5. The multimodal sensor orientation measurement fusion system according to claim 4, characterized in that, In the spatiotemporal alignment preprocessing module, the extrinsic parameter matrix between sensors is obtained through offline hand-eye calibration. The calibration process utilizes a high-precision checkerboard calibration board that is simultaneously observed by a stereo vision camera and a 2D lidar, and the optimal rotation matrix and translation vector are solved through singular value decomposition.
6. The multimodal sensor orientation measurement fusion system according to claim 1, characterized in that, The improved ORB feature extraction algorithm in the multimodal feature extraction and encoding module introduces an adaptive threshold adjustment mechanism on the basis of traditional ORB. This mechanism dynamically calculates the FAST corner threshold for feature point extraction based on the overall grayscale distribution of the image.
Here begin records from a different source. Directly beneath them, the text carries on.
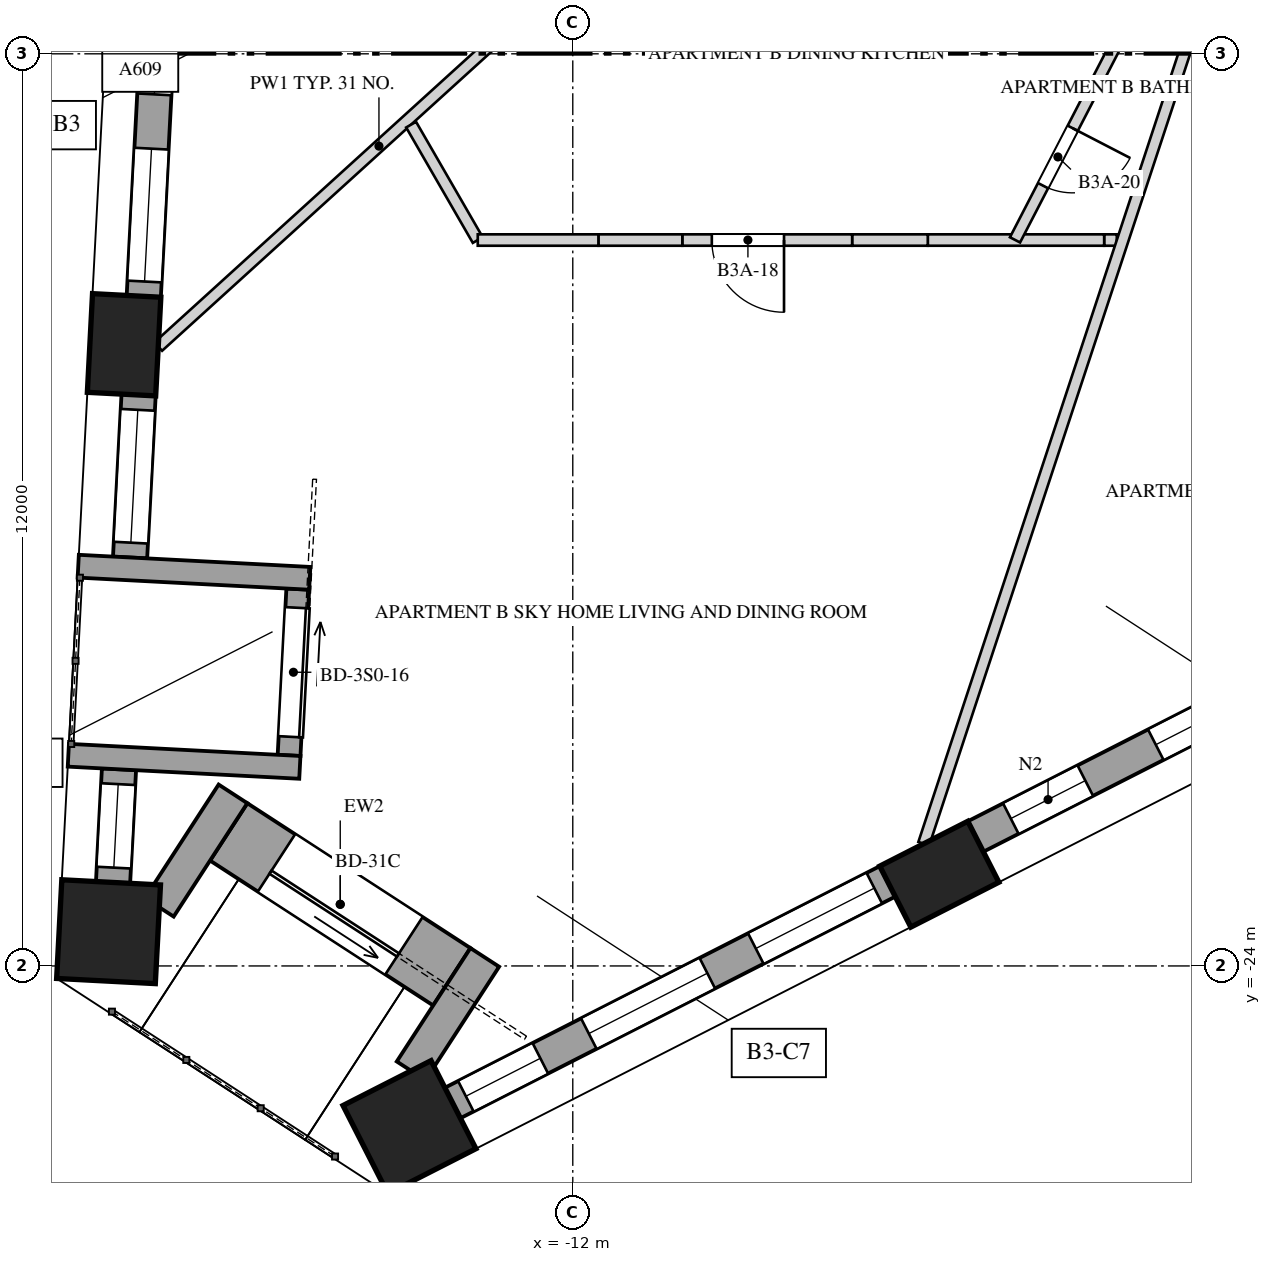
"""IFC4 building model, lengths in metres.
Left out: names, types, materials, properties, quantities, classifications, styles, units other than length and angle.
Written with IfcOpenShell. Run it as: python <this file> out.ifc"""

import sys

from ifc_helpers import new_model, si_unit, direction, frame, frame_2d, origin, origin_2d, place, context, subcontext, project, spatial, rectangle, extrude, element, fill, save


model = new_model("IFC4")
c1 = context("Model", 3, precision=1e-05, world=origin(), true_north=direction((0.0, 1.0)))
c2 = subcontext(c1, "Body", "Model", "MODEL_VIEW")
j1 = project(units=[si_unit("LENGTHUNIT", "METRE"), si_unit("PLANEANGLEUNIT", "RADIAN")], contexts=[c1])
p1 = place(None, origin())
s1 = spatial("IfcSite", under=j1, at=p1, CompositionType="ELEMENT")
p2 = place(p1, origin())
s2 = spatial("IfcBuilding", under=s1, at=p2, CompositionType="ELEMENT")
p3 = place(p2, frame((0.0, 0.0, 133.6)))
s3 = spatial("IfcBuildingStorey", under=s2, at=p3, CompositionType="ELEMENT", Elevation=133.6)
p4 = place(p3, frame((-17.903, -15.828, 0.0), z_axis=(0.0, 0.0, 1.0), x_axis=(-0.052335956243, -0.998629534755, 0.0)))
e1 = element("IfcColumn", 1, at=p4, inside=s3, PredefinedType="COLUMN", context=c2, shape_type="SweptSolid", body=[
    extrude(rectangle(XDim=1.3, YDim=0.9, at=origin_2d()), origin(), (0.0, 0.0, 1.0), 4.0),
])
for number, where, z_axis, x_axis in (
    (2, (-18.107, -23.549, 0.0), (0.0, 0.0, 1.0), (-0.052, -0.999, 0.0)),
    (3, (-14.148, -26.12, 0.0), (0.0, 0.0, 1.0), (0.891, 0.454, 0.0)),
):
    element("IfcColumn", number, at=place(p3, frame(where, z_axis=z_axis, x_axis=x_axis)), inside=s3, PredefinedType="COLUMN", context=c2, shape_type="SweptSolid", body=[
        extrude(rectangle(XDim=1.3, YDim=1.3, at=origin_2d()), origin(), (0.0, 0.0, 1.0), 4.0),
    ])
p5 = place(p3, frame((-7.178, -22.793, 0.0), z_axis=(0.0, 0.0, 1.0), x_axis=(0.891006524188, 0.45399049974, 0.0)))
e4 = element("IfcColumn", 4, at=p5, inside=s3, PredefinedType="COLUMN", context=c2, shape_type="SweptSolid", body=[
    extrude(rectangle(XDim=1.3, YDim=0.9, at=origin_2d()), origin(), (0.0, 0.0, 1.0), 4.0),
])
p6 = place(p3, frame((-17.274, -8.129, 0.0), z_axis=(0.0, 0.0, 1.0), x_axis=(-0.052339570873, -0.998629345313, 0.0)))
e5 = element("IfcWall", 5, at=p6, inside=s3, PredefinedType="SOLIDWALL", context=c2, shape_type="SweptSolid", body=[
    extrude(rectangle(XDim=7.072, YDim=0.45, at=frame_2d((3.536, 0.0))), origin(), (0.0, 0.0, 1.0), 3.3),
])
p7 = place(p6, frame((0.195, 0.0, 0.5)))
e6 = element("IfcOpeningElement", 6, at=p7, cuts=e5, PredefinedType="OPENING", context=c2, shape_type="SweptSolid", body=[
    extrude(rectangle(XDim=1.75, YDim=2.65, at=frame_2d((0.875, 1.325))), frame((0.0, 0.235, 0.0), z_axis=(0.0, -1.0, 0.0), x_axis=(1.0, 0.0, 0.0)), (0.0, 0.0, 1.0), 0.47),
])
p8 = place(p6, frame((2.661, 0.0, 0.5)))
e7 = element("IfcOpeningElement", 7, at=p8, cuts=e5, PredefinedType="OPENING", context=c2, shape_type="SweptSolid", body=[
    extrude(rectangle(XDim=1.75, YDim=2.65, at=frame_2d((0.875, 1.325))), frame((0.0, 0.235, 0.0), z_axis=(0.0, -1.0, 0.0), x_axis=(1.0, 0.0, 0.0)), (0.0, 0.0, 1.0), 0.47),
])
p9 = place(p6, frame((5.126, 0.0, 0.5)))
e8 = element("IfcOpeningElement", 8, at=p9, cuts=e5, PredefinedType="OPENING", context=c2, shape_type="SweptSolid", body=[
    extrude(rectangle(XDim=1.75, YDim=2.0, at=frame_2d((0.875, 1.0))), frame((0.0, 0.235, 0.0), z_axis=(0.0, -1.0, 0.0), x_axis=(1.0, 0.0, 0.0)), (0.0, 0.0, 1.0), 0.47),
])
p10 = place(p3, frame((-17.712, -16.489, 0.0), z_axis=(0.0, 0.0, 1.0), x_axis=(-0.05234931875, -0.998628834366, 0.0)))
e9 = element("IfcWall", 9, at=p10, inside=s3, PredefinedType="SOLIDWALL", context=c2, shape_type="SweptSolid", body=[
    extrude(rectangle(XDim=2.141, YDim=0.45, at=frame_2d((1.07, 0.0))), origin(), (0.0, 0.0, 1.0), 3.3),
])
p11 = place(p10, frame((0.195, 0.0, 0.5)))
e10 = element("IfcOpeningElement", 10, at=p11, cuts=e9, PredefinedType="OPENING", context=c2, shape_type="SweptSolid", body=[
    extrude(rectangle(XDim=1.75, YDim=2.65, at=frame_2d((0.875, 1.325))), frame((0.0, 0.235, 0.0), z_axis=(0.0, -1.0, 0.0), x_axis=(1.0, 0.0, 0.0)), (0.0, 0.0, 1.0), 0.47),
])
p12 = place(p3, frame((-17.97, -21.413, 0.0), z_axis=(0.0, 0.0, 1.0), x_axis=(-0.052412688754, -0.998625510418, 0.0)))
e11 = element("IfcWall", 11, at=p12, inside=s3, PredefinedType="SOLIDWALL", context=c2, shape_type="SweptSolid", body=[
    extrude(rectangle(XDim=1.49, YDim=0.45, at=frame_2d((0.745, 0.0))), origin(), (0.0, 0.0, 1.0), 3.3),
])
p13 = place(p12, frame((0.195, 0.0, 0.5)))
e12 = element("IfcOpeningElement", 12, at=p13, cuts=e11, PredefinedType="OPENING", context=c2, shape_type="SweptSolid", body=[
    extrude(rectangle(XDim=1.1, YDim=2.0, at=frame_2d((0.55, 1.0))), frame((0.0, 0.235, 0.0), z_axis=(0.0, -1.0, 0.0), x_axis=(1.0, 0.0, 0.0)), (0.0, 0.0, 1.0), 0.47),
])
p14 = place(p3, frame((-13.581, -25.803, 0.0), z_axis=(0.0, 0.0, 1.0), x_axis=(0.891010191031, 0.453983303085, 0.0)))
e13 = element("IfcWall", 13, at=p14, inside=s3, PredefinedType="SOLIDWALL", context=c2, shape_type="SweptSolid", body=[
    extrude(rectangle(XDim=6.422, YDim=0.45, at=frame_2d((3.211, 0.0))), origin(), (0.0, 0.0, 1.0), 3.3),
])
p15 = place(p14, frame((0.195, 0.0, 0.5)))
e14 = element("IfcOpeningElement", 14, at=p15, cuts=e13, PredefinedType="OPENING", context=c2, shape_type="SweptSolid", body=[
    extrude(rectangle(XDim=1.1, YDim=2.0, at=frame_2d((0.55, 1.0))), frame((0.0, 0.235, 0.0), z_axis=(0.0, -1.0, 0.0), x_axis=(1.0, 0.0, 0.0)), (0.0, 0.0, 1.0), 0.47),
])
p16 = place(p14, frame((2.011, 0.0, 0.5)))
e15 = element("IfcOpeningElement", 15, at=p16, cuts=e13, PredefinedType="OPENING", context=c2, shape_type="SweptSolid", body=[
    extrude(rectangle(XDim=1.75, YDim=2.65, at=frame_2d((0.875, 1.325))), frame((0.0, 0.235, 0.0), z_axis=(0.0, -1.0, 0.0), x_axis=(1.0, 0.0, 0.0)), (0.0, 0.0, 1.0), 0.47),
])
p17 = place(p14, frame((4.476, 0.0, 0.5)))
e16 = element("IfcOpeningElement", 16, at=p17, cuts=e13, PredefinedType="OPENING", context=c2, shape_type="SweptSolid", body=[
    extrude(rectangle(XDim=1.75, YDim=2.65, at=frame_2d((0.875, 1.325))), frame((0.0, 0.235, 0.0), z_axis=(0.0, -1.0, 0.0), x_axis=(1.0, 0.0, 0.0)), (0.0, 0.0, 1.0), 0.47),
])
p18 = place(p3, frame((-6.701, -22.297, 0.0), z_axis=(0.0, 0.0, 1.0), x_axis=(0.891004189171, 0.45399508244, 0.0)))
e17 = element("IfcWall", 17, at=p18, inside=s3, PredefinedType="SOLIDWALL", context=c2, shape_type="SweptSolid", body=[
    extrude(rectangle(XDim=7.072, YDim=0.45, at=frame_2d((3.536, 0.0))), origin(), (0.0, 0.0, 1.0), 3.3),
])
p19 = place(p18, frame((0.52, 0.0, 0.5)))
e18 = element("IfcOpeningElement", 18, at=p19, cuts=e17, PredefinedType="OPENING", context=c2, shape_type="SweptSolid", body=[
    extrude(rectangle(XDim=1.1, YDim=2.65, at=frame_2d((0.55, 1.325))), frame((0.0, 0.235, 0.0), z_axis=(0.0, -1.0, 0.0), x_axis=(1.0, 0.0, 0.0)), (0.0, 0.0, 1.0), 0.47),
])
p20 = place(p18, frame((2.661, 0.0, 0.5)))
e19 = element("IfcOpeningElement", 19, at=p20, cuts=e17, PredefinedType="OPENING", context=c2, shape_type="SweptSolid", body=[
    extrude(rectangle(XDim=1.75, YDim=2.65, at=frame_2d((0.875, 1.325))), frame((0.0, 0.235, 0.0), z_axis=(0.0, -1.0, 0.0), x_axis=(1.0, 0.0, 0.0)), (0.0, 0.0, 1.0), 0.47),
])
p21 = place(p18, frame((5.126, 0.0, 0.5)))
e20 = element("IfcOpeningElement", 20, at=p21, cuts=e17, PredefinedType="OPENING", context=c2, shape_type="SweptSolid", body=[
    extrude(rectangle(XDim=1.75, YDim=2.65, at=frame_2d((0.875, 1.325))), frame((0.0, 0.235, 0.0), z_axis=(0.0, -1.0, 0.0), x_axis=(1.0, 0.0, 0.0)), (0.0, 0.0, 1.0), 0.47),
])
p22 = place(p3, frame((-15.618, -19.042, 0.0), z_axis=(0.0, 0.0, 1.0), x_axis=(-0.052383338583, -0.998627050424, 0.0)))
e21 = element("IfcWall", 21, at=p22, inside=s3, PredefinedType="SOLIDWALL", context=c2, shape_type="SweptSolid", body=[
    extrude(rectangle(XDim=2.19, YDim=0.3, at=frame_2d((1.095, 0.0))), origin(), (0.0, 0.0, 1.0), 3.3),
])
p23 = place(p22, frame((0.245, 0.0, 0.0)))
e22 = element("IfcOpeningElement", 22, at=p23, cuts=e21, PredefinedType="OPENING", context=c2, shape_type="SweptSolid", body=[
    extrude(rectangle(XDim=1.7, YDim=2.45, at=frame_2d((0.85, 1.225))), frame((0.0, 0.16, 0.0), z_axis=(0.0, -1.0, 0.0), x_axis=(1.0, 0.0, 0.0)), (0.0, 0.0, 1.0), 0.32),
])
for number, where, z_axis, x_axis in (
    (23, (-18.506, -18.741, 0.0), (0.0, 0.0, 1.0), (0.999, -0.052, 0.0)),
    (24, (-18.636, -21.228, 0.0), (0.0, 0.0, 1.0), (0.999, -0.052, 0.0)),
):
    element("IfcWall", number, at=place(p3, frame(where, z_axis=z_axis, x_axis=x_axis)), inside=s3, PredefinedType="SOLIDWALL", context=c2, shape_type="SweptSolid", body=[
        extrude(rectangle(XDim=3.05, YDim=0.3, at=frame_2d((1.525, 0.0))), origin(), (0.0, 0.0, 1.0), 3.3),
    ])
p24 = place(p3, frame((-13.592, -24.142, 0.0), z_axis=(0.0, 0.0, 1.0), x_axis=(-0.838665071449, 0.544647498784, 0.0)))
e25 = element("IfcWall", 25, at=p24, inside=s3, PredefinedType="SOLIDWALL", context=c2, shape_type="SweptSolid", body=[
    extrude(rectangle(XDim=3.5, YDim=0.9, at=frame_2d((1.75, 0.0))), origin(), (0.0, 0.0, 1.0), 3.3),
])
p25 = place(p24, frame((0.75, 0.0, 0.0)))
e26 = element("IfcOpeningElement", 26, at=p25, cuts=e25, PredefinedType="OPENING", context=c2, shape_type="SweptSolid", body=[
    extrude(rectangle(XDim=2.0, YDim=2.4, at=frame_2d((1.0, 1.2))), frame((0.0, 0.46, 0.0), z_axis=(0.0, -1.0, 0.0), x_axis=(1.0, 0.0, 0.0)), (0.0, 0.0, 1.0), 0.92),
])
for number, where, z_axis, x_axis in (
    (27, (-14.127, -25.38, 0.0), (0.0, 0.0, 1.0), (0.545, 0.839, 0.0)),
    (28, (-17.44, -23.228, 0.0), (0.0, 0.0, 1.0), (0.545, 0.839, 0.0)),
):
    element("IfcWall", number, at=place(p3, frame(where, z_axis=z_axis, x_axis=x_axis)), inside=s3, PredefinedType="SOLIDWALL", context=c2, shape_type="SweptSolid", body=[
        extrude(rectangle(XDim=1.779, YDim=0.45, at=frame_2d((0.89, 0.0))), origin(), (0.0, 0.0, 1.0), 2.55),
    ])
p26 = place(p3, frame((-17.454, -15.851, 0.0), z_axis=(0.0, 0.0, 1.0), x_axis=(0.740276567096, 0.672302464824, 0.0)))
e29 = element("IfcWall", 29, at=p26, inside=s3, PredefinedType="PARTITIONING", context=c2, shape_type="SweptSolid", body=[
    extrude(rectangle(XDim=7.844, YDim=0.15, at=frame_2d((3.922, 0.0))), origin(), (0.0, 0.0, 1.0), 2.75),
])
p27 = place(p3, frame((-13.25, -14.45, 0.0), z_axis=(0.0, 0.0, 1.0), x_axis=(-0.500047902311, 0.865997745606, 0.0)))
e30 = element("IfcWall", 30, at=p27, inside=s3, PredefinedType="PARTITIONING", context=c2, shape_type="SweptSolid", body=[
    extrude(rectangle(XDim=1.753, YDim=0.15, at=frame_2d((0.876, 0.0))), origin(), (0.0, 0.0, 1.0), 3.65),
])
p28 = place(p3, frame((-4.843, -14.45, 0.0), z_axis=(0.0, 0.0, 1.0), x_axis=(-1.0, 0.0, 0.0)))
e31 = element("IfcWall", 31, at=p28, inside=s3, PredefinedType="PARTITIONING", context=c2, shape_type="SweptSolid", body=[
    extrude(rectangle(XDim=0.166, YDim=0.15, at=frame_2d((0.083, 0.0))), origin(), (0.0, 0.0, 1.0), 2.55),
])
p29 = place(p3, frame((-5.009, -14.45, 0.0), z_axis=(0.0, 0.0, 1.0), x_axis=(-1.0, 0.0, 0.0)))
e32 = element("IfcWall", 32, at=p29, inside=s3, PredefinedType="PARTITIONING", context=c2, shape_type="SweptSolid", body=[
    extrude(rectangle(XDim=2.321, YDim=0.15, at=frame_2d((1.16, 0.0))), origin(), (0.0, 0.0, 1.0), 3.65),
])
p30 = place(p3, frame((-7.33, -14.45, 0.0), z_axis=(0.0, 0.0, 1.0), x_axis=(-1.0, 0.0, 0.0)))
e33 = element("IfcWall", 33, at=p30, inside=s3, PredefinedType="PARTITIONING", context=c2, shape_type="SweptSolid", body=[
    extrude(rectangle(XDim=0.995, YDim=0.15, at=frame_2d((0.498, 0.0))), origin(), (0.0, 0.0, 1.0), 2.55),
])
p31 = place(p3, frame((-8.325, -14.45, 0.0), z_axis=(0.0, 0.0, 1.0), x_axis=(-1.0, 0.0, 0.0)))
e34 = element("IfcWall", 34, at=p31, inside=s3, PredefinedType="PARTITIONING", context=c2, shape_type="SweptSolid", body=[
    extrude(rectangle(XDim=2.234, YDim=0.15, at=frame_2d((1.117, 0.0))), origin(), (0.0, 0.0, 1.0), 3.65),
])
p32 = place(p31, frame((0.896, 0.0, 0.0)))
e35 = element("IfcOpeningElement", 35, at=p32, cuts=e34, PredefinedType="OPENING", context=c2, shape_type="SweptSolid", body=[
    extrude(rectangle(XDim=0.95, YDim=2.4, at=frame_2d((0.475, 1.2))), frame((0.0, 0.085, 0.0), z_axis=(0.0, -1.0, 0.0), x_axis=(1.0, 0.0, 0.0)), (0.0, 0.0, 1.0), 0.17),
])
p33 = place(p3, frame((-10.559, -14.45, 0.0), z_axis=(0.0, 0.0, 1.0), x_axis=(-1.0, 0.0, 0.0)))
e36 = element("IfcWall", 36, at=p33, inside=s3, PredefinedType="PARTITIONING", context=c2, shape_type="SweptSolid", body=[
    extrude(rectangle(XDim=1.104, YDim=0.15, at=frame_2d((0.552, 0.0))), origin(), (0.0, 0.0, 1.0), 2.55),
])
p34 = place(p3, frame((-11.663, -14.45, 0.0), z_axis=(0.0, 0.0, 1.0), x_axis=(-1.0, 0.0, 0.0)))
e37 = element("IfcWall", 37, at=p34, inside=s3, PredefinedType="PARTITIONING", context=c2, shape_type="SweptSolid", body=[
    extrude(rectangle(XDim=1.587, YDim=0.15, at=frame_2d((0.794, 0.0))), origin(), (0.0, 0.0, 1.0), 3.65),
])
p35 = place(p3, frame((-4.425, -11.052, 0.0), z_axis=(0.0, 0.0, 1.0), x_axis=(-0.459481978347, -0.888187092664, 0.0)))
e38 = element("IfcWall", 38, at=p35, inside=s3, PredefinedType="PARTITIONING", context=c2, shape_type="SweptSolid", body=[
    extrude(rectangle(XDim=3.823, YDim=0.15, at=frame_2d((1.912, 0.0))), origin(), (0.0, 0.0, 1.0), 3.65),
])
p36 = place(p35, frame((2.17, 0.0, 0.0)))
e39 = element("IfcOpeningElement", 39, at=p36, cuts=e38, PredefinedType="OPENING", context=c2, shape_type="SweptSolid", body=[
    extrude(rectangle(XDim=0.85, YDim=2.4, at=frame_2d((0.425, 1.2))), frame((0.0, 0.085, 0.0), z_axis=(0.0, -1.0, 0.0), x_axis=(1.0, 0.0, 0.0)), (0.0, 0.0, 1.0), 0.17),
])
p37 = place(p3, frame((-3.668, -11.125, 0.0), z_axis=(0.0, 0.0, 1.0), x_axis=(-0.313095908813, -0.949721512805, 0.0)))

The stereo matching algorithm adopts a semi-global matching method, obtains a disparity map through multi-path cost aggregation, and removes mismatched points through left-right consistency checks.
7. The multimodal sensor orientation measurement fusion system according to claim 1, characterized in that, The sensor health assessment submodule based on a sliding window in the adaptive weighted fusion decision module maintains a sliding window with a length of 50 data points. For the data of each sensor in the window, the Mahalanobis distance between it and the current optimal estimate of the system is calculated, and the distance is mapped to a health score between 0 and 1. Sensors with a health score lower than 0.3 will be judged as abnormal, and their fusion weight at that moment will be automatically set to 0.
8. The multimodal sensor orientation measurement fusion system according to claim 7, characterized in that, The improved capacitive Kalman filter framework in the adaptive weighted fusion decision module adopts the posterior probability density function of the third-order spherical radial volume rule approximation state. Its multi-model interaction structure contains four parallel-running filter models, corresponding to sensor combinations using only an inertial measurement unit, an inertial measurement unit plus a stereo vision camera, an inertial measurement unit plus a global navigation satellite system, and an inertial measurement unit plus a 2D lidar.
9. A multimodal sensor orientation measurement fusion system according to claim 8, characterized in that, In the adaptive weighted fusion decision module, the observation likelihood function of each model is modeled as a Gaussian distribution based on the noise characteristics of the corresponding sensor, and its mean and covariance are learned through historical data; the activation probability of each model is determined by normalizing the sensor health score using the softmax function.
10. A multimodal sensor orientation measurement fusion system according to claim 1, characterized in that, The closed-loop correction mechanism of the system output and feedback control module combines the current optimal attitude and position estimate of the system with the known sensor model to predict the observation values that each sensor should have; calculates the residual between the predicted observation values and the actual sensor observation values; if the moving average of the residual sequence continues to exceed the preset threshold, the calibration parameter online update process is initiated. This process uses the Levenburg Marquardt optimization algorithm to minimize the sum of squared residuals, thereby iteratively optimizing the sensor extrinsic parameter matrix and intrinsic parameter distortion coefficient.